Neste momento se desvela o contexto transferencial e contratransferencial de inveja e competição . Essa inveja poderia ser criativa se instrumentalizada. A analista se sentindo ameaçada, embora intuísse o problema, não tinha até o momento disponibilidade afetiva para atuar em análise.Vivia inveja inconsciente do suposto poder da cliente. A partir do momento em que a analista reintegra seu sentimento depressivo de impotência a cliente pode apresentar sua inveja e seu desejo de contato que estavam sendo vividos de forma sombria e atuada. A analista pode, então, falar de seu sentimento de invasão com a cliente. O processo analítico saiu de seu atolamento. Como em seu sonho a analista esteve até então de mãos e pés atados.

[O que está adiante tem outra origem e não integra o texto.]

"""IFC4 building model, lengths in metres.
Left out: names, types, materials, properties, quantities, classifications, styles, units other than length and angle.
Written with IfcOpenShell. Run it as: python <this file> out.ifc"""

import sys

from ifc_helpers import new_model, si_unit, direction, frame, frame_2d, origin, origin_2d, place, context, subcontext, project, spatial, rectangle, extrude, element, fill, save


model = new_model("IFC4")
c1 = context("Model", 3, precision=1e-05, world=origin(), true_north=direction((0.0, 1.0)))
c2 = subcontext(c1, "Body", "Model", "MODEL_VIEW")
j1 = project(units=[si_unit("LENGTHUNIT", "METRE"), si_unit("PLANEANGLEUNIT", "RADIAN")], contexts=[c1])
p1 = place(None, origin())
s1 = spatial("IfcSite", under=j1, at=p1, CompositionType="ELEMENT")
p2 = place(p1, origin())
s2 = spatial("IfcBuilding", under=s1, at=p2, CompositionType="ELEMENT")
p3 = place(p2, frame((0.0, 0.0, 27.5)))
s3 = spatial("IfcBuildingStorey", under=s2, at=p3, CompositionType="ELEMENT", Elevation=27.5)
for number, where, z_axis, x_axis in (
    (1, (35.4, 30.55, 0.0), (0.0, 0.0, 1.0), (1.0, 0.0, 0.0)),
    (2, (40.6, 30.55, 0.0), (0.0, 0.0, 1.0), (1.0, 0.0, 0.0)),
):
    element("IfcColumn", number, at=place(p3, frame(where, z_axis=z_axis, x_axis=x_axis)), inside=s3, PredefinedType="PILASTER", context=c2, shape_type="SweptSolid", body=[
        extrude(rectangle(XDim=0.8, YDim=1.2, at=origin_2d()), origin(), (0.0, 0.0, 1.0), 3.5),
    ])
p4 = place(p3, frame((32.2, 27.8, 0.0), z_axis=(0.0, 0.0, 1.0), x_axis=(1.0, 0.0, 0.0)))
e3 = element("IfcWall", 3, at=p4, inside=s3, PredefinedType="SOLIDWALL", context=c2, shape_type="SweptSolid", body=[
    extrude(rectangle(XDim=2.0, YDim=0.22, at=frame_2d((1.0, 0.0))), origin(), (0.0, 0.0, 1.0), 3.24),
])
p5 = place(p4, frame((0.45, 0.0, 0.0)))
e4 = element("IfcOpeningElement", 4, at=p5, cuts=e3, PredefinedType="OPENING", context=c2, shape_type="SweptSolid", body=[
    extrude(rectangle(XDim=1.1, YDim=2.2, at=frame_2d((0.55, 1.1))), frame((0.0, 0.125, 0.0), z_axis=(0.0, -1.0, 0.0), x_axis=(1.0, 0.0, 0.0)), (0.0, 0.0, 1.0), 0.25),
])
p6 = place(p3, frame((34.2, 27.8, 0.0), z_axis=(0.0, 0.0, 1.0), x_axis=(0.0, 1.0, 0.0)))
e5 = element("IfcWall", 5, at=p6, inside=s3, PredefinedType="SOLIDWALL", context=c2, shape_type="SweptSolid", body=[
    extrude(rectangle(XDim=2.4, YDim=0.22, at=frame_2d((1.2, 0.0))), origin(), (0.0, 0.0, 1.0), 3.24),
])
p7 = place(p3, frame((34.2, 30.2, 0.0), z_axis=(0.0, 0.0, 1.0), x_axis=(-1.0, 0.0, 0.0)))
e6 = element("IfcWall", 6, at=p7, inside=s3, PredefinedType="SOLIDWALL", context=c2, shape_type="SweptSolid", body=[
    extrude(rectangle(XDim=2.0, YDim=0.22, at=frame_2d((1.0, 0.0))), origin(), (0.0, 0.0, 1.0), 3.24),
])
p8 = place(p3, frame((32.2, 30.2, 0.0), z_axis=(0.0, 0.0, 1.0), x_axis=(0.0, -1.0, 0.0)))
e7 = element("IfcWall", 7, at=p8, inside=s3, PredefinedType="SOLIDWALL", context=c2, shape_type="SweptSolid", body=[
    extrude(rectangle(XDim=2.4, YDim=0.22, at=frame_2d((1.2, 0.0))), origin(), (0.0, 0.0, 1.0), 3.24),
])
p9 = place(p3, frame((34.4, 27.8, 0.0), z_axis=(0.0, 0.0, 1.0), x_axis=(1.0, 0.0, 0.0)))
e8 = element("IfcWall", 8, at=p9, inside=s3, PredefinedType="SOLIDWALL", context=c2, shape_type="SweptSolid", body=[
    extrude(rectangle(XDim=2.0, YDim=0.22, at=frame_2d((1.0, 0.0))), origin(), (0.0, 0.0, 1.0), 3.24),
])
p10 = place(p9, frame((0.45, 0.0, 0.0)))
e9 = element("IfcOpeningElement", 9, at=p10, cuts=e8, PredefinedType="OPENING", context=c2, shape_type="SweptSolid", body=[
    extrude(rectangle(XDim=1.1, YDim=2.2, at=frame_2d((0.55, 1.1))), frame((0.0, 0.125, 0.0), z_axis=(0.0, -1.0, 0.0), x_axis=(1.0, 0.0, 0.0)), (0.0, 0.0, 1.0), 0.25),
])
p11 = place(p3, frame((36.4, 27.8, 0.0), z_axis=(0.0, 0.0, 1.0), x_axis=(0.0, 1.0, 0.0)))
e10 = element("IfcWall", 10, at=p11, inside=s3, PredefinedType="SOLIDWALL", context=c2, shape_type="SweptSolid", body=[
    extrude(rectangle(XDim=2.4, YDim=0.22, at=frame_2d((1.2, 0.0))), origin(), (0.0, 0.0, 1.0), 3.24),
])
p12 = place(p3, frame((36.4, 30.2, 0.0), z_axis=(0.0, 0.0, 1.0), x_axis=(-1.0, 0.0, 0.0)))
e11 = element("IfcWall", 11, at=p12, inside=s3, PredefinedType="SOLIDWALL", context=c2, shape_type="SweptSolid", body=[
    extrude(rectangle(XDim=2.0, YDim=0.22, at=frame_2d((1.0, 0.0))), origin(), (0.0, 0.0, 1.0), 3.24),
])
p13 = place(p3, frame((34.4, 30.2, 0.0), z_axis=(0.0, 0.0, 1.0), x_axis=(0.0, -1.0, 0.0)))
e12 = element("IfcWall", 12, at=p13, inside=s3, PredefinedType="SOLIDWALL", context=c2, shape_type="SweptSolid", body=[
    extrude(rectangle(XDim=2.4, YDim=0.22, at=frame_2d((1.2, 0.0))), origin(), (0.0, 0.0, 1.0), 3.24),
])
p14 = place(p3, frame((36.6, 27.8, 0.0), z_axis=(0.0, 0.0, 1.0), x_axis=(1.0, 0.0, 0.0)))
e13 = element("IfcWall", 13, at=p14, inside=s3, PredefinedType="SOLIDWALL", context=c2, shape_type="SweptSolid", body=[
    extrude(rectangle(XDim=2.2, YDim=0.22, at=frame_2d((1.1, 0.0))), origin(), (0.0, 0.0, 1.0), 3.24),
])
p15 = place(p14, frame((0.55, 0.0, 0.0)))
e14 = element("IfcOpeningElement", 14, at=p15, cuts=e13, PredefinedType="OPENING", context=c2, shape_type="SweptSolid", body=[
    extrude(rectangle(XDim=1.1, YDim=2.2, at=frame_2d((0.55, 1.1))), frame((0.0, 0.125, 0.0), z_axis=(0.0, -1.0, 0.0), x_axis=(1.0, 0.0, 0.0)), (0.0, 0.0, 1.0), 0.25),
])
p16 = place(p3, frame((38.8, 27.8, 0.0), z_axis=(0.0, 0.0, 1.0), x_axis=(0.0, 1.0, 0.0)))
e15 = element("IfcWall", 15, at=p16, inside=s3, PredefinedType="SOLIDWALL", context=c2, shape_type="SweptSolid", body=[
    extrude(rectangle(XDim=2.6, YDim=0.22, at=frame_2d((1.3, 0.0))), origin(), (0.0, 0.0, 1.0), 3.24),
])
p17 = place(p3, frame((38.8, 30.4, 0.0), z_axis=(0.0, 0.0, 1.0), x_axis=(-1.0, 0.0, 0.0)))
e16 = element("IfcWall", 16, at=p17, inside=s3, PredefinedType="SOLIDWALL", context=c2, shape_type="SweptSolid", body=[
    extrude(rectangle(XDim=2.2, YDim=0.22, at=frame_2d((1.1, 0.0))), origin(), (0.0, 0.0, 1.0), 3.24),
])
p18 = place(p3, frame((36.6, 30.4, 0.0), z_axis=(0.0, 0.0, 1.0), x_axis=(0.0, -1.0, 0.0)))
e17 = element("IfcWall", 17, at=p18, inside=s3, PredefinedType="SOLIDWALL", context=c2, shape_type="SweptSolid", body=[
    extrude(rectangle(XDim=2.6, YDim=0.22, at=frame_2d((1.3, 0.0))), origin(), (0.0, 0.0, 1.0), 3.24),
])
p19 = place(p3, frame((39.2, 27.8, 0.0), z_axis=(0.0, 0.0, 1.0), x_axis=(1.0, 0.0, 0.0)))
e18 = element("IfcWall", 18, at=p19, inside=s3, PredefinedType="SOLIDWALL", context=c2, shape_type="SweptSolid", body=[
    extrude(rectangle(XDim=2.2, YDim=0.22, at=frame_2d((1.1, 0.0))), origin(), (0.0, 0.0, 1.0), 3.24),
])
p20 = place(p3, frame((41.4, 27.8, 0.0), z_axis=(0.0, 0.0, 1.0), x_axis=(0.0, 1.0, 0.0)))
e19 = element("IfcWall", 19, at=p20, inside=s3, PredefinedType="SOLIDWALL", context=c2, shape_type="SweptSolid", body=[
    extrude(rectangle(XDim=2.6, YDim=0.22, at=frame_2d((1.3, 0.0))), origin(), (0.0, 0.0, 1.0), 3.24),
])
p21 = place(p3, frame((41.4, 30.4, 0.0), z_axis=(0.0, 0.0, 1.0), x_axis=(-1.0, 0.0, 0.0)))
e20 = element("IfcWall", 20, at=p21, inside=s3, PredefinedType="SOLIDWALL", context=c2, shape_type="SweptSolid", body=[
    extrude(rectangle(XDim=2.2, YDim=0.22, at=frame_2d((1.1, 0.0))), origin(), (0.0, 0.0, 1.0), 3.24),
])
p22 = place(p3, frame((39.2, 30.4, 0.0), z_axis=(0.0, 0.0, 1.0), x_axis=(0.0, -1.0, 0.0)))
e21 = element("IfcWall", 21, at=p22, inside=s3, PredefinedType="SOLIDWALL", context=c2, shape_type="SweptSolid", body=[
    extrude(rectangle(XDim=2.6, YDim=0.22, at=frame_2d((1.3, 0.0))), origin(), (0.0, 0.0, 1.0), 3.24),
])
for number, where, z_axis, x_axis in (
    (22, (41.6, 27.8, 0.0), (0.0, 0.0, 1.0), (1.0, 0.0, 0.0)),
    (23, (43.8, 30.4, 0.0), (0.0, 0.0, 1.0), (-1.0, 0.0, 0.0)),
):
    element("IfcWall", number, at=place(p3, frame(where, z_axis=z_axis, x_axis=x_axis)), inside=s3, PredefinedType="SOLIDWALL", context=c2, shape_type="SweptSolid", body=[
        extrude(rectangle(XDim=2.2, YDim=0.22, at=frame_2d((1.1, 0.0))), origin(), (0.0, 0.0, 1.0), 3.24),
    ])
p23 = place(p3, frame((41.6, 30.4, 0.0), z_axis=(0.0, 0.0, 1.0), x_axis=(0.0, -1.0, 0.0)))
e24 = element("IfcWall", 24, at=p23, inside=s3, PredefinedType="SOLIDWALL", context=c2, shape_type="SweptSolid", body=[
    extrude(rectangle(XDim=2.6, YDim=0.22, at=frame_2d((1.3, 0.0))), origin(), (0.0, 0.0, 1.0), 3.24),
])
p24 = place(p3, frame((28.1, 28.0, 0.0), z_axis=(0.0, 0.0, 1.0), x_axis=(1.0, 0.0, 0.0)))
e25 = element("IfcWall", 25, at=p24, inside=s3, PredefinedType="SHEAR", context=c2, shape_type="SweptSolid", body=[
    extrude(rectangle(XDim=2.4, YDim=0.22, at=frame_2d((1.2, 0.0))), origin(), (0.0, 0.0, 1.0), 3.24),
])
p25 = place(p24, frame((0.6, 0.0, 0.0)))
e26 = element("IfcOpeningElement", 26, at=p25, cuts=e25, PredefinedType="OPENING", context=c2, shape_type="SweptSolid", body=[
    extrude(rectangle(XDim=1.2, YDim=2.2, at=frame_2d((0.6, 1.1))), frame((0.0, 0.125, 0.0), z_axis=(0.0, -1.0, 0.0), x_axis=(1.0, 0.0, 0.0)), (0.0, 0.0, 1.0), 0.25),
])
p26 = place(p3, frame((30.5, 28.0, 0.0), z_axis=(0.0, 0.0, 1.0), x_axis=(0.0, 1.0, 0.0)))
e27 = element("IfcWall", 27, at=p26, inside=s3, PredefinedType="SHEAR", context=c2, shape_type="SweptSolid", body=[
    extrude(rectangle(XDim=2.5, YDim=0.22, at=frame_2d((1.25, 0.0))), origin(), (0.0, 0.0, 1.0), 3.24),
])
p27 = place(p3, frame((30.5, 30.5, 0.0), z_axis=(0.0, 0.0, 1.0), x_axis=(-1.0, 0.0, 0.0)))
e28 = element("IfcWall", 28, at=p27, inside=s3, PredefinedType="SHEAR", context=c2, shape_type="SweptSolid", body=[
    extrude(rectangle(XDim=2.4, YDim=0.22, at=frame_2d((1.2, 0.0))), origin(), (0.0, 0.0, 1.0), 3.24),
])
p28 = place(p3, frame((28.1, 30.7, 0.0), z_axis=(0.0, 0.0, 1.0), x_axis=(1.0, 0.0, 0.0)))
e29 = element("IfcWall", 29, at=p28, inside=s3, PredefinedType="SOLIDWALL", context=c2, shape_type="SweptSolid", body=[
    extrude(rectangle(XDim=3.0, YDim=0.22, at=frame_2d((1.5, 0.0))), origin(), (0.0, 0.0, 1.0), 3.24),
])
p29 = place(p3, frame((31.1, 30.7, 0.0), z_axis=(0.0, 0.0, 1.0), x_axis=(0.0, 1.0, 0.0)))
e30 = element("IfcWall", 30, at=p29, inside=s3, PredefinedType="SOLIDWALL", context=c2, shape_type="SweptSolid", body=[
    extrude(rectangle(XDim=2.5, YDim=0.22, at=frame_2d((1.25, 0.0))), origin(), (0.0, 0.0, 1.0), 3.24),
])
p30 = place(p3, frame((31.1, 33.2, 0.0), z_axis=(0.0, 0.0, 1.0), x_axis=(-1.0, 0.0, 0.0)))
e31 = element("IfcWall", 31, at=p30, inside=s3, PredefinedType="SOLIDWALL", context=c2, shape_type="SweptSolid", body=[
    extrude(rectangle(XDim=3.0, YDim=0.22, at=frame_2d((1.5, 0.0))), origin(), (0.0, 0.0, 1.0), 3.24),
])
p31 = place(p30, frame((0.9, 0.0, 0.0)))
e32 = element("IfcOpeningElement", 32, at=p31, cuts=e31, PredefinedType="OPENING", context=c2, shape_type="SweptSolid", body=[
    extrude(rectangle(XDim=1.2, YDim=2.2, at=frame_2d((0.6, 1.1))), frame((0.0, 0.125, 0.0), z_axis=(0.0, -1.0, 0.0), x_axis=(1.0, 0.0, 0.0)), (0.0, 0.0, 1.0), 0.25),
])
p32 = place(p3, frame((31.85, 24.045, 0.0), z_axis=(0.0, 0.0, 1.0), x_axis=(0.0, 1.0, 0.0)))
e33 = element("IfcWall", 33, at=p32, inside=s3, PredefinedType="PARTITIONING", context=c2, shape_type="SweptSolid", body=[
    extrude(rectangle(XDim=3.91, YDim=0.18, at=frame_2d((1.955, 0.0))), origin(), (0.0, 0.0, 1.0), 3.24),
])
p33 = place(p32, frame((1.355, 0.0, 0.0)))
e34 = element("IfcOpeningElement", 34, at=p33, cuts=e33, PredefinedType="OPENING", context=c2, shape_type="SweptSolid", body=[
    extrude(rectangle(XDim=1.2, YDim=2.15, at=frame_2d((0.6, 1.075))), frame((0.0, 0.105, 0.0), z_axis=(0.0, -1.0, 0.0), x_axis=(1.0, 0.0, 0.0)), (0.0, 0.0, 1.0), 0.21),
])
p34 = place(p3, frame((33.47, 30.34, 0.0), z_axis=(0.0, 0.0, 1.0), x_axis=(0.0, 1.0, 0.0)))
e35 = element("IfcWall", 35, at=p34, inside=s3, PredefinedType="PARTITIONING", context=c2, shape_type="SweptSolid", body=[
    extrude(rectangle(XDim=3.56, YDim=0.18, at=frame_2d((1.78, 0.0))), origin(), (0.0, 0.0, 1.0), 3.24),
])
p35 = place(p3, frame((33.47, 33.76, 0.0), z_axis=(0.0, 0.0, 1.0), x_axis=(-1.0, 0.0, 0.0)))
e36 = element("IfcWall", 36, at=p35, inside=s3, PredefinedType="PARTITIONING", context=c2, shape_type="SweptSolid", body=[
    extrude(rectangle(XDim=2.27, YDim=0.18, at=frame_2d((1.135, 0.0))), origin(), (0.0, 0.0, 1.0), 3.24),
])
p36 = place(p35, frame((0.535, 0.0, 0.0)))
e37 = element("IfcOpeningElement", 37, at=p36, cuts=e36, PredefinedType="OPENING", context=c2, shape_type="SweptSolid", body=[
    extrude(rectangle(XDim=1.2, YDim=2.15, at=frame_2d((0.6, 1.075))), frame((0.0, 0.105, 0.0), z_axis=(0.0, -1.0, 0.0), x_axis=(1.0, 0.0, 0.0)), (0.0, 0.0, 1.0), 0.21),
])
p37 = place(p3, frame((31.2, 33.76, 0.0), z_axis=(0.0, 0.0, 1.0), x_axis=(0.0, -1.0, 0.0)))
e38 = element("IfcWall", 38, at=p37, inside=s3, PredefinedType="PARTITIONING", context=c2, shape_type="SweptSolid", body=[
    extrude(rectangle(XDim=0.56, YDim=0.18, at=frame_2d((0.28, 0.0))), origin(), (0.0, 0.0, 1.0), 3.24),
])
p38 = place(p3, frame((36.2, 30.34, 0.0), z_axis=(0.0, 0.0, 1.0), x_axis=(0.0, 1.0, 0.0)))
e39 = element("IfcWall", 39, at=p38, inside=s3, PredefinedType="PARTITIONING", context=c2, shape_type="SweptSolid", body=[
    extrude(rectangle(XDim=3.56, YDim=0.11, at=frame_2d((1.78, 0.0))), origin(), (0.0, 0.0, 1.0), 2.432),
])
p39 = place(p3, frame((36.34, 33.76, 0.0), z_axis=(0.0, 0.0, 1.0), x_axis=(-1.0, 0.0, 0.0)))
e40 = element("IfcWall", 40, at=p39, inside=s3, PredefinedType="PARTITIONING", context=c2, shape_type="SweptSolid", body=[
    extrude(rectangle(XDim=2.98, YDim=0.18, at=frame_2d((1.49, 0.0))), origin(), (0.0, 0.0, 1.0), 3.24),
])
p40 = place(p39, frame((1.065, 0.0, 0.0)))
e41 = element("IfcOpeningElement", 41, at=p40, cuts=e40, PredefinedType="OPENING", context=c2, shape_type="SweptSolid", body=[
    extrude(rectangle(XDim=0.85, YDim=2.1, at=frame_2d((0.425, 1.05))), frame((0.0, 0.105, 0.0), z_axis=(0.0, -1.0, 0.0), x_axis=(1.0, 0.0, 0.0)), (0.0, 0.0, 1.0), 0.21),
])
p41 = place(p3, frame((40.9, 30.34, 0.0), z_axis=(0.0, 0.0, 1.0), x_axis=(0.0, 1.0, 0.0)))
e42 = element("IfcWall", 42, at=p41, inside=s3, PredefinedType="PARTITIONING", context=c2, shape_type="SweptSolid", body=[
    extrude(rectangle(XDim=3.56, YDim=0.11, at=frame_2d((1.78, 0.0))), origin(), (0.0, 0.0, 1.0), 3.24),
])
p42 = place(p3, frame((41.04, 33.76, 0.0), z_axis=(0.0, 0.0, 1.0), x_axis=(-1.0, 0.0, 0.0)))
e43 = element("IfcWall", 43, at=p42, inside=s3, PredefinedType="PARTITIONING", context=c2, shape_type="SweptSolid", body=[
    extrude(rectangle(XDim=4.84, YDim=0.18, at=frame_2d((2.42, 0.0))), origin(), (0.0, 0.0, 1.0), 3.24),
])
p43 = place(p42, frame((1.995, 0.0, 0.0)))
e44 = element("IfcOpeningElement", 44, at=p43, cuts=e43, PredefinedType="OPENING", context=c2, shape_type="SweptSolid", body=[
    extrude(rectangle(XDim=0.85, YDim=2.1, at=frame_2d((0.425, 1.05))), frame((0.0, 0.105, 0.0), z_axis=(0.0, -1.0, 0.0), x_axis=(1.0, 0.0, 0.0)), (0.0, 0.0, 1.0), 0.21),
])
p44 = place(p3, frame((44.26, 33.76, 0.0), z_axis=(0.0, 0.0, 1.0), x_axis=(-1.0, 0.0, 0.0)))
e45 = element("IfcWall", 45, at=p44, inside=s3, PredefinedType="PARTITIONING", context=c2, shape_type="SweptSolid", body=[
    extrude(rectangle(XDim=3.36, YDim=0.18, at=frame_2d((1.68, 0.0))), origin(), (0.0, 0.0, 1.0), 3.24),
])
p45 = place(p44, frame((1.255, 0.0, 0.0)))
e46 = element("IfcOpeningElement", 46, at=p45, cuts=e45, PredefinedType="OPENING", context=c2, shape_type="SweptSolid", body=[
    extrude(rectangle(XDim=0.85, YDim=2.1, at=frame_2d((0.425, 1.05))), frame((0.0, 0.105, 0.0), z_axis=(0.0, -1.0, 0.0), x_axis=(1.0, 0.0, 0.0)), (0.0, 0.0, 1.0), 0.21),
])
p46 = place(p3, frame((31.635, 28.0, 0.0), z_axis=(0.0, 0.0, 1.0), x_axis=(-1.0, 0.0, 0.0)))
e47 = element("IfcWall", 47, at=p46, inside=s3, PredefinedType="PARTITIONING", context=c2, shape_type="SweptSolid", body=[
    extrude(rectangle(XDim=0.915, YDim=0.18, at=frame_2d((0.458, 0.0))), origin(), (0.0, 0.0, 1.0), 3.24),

Mais tarde a analista elabora: ”Posso afirmar que a análise começou somente naquele momento. Ou seja, a “tensão” que se entrepunha na minha relação com ela havia ali se dissolvido quando eu percebi que atrás daquele personagem, a executiva de sucesso, havia uma garotinha de 11 anos, e que não fazia sentido eu ter medo e me sentir amarrada ou paralizada na relação”.

A analista que chegara para a supervisão contida e com medo recuperava grande parte de seu poder e criatividade, sua auto-estima. A menininha analista também estava crescendo. Sua contratransferência instrumentalizada se transformara em ouro , em matéria prima da técnica analítica.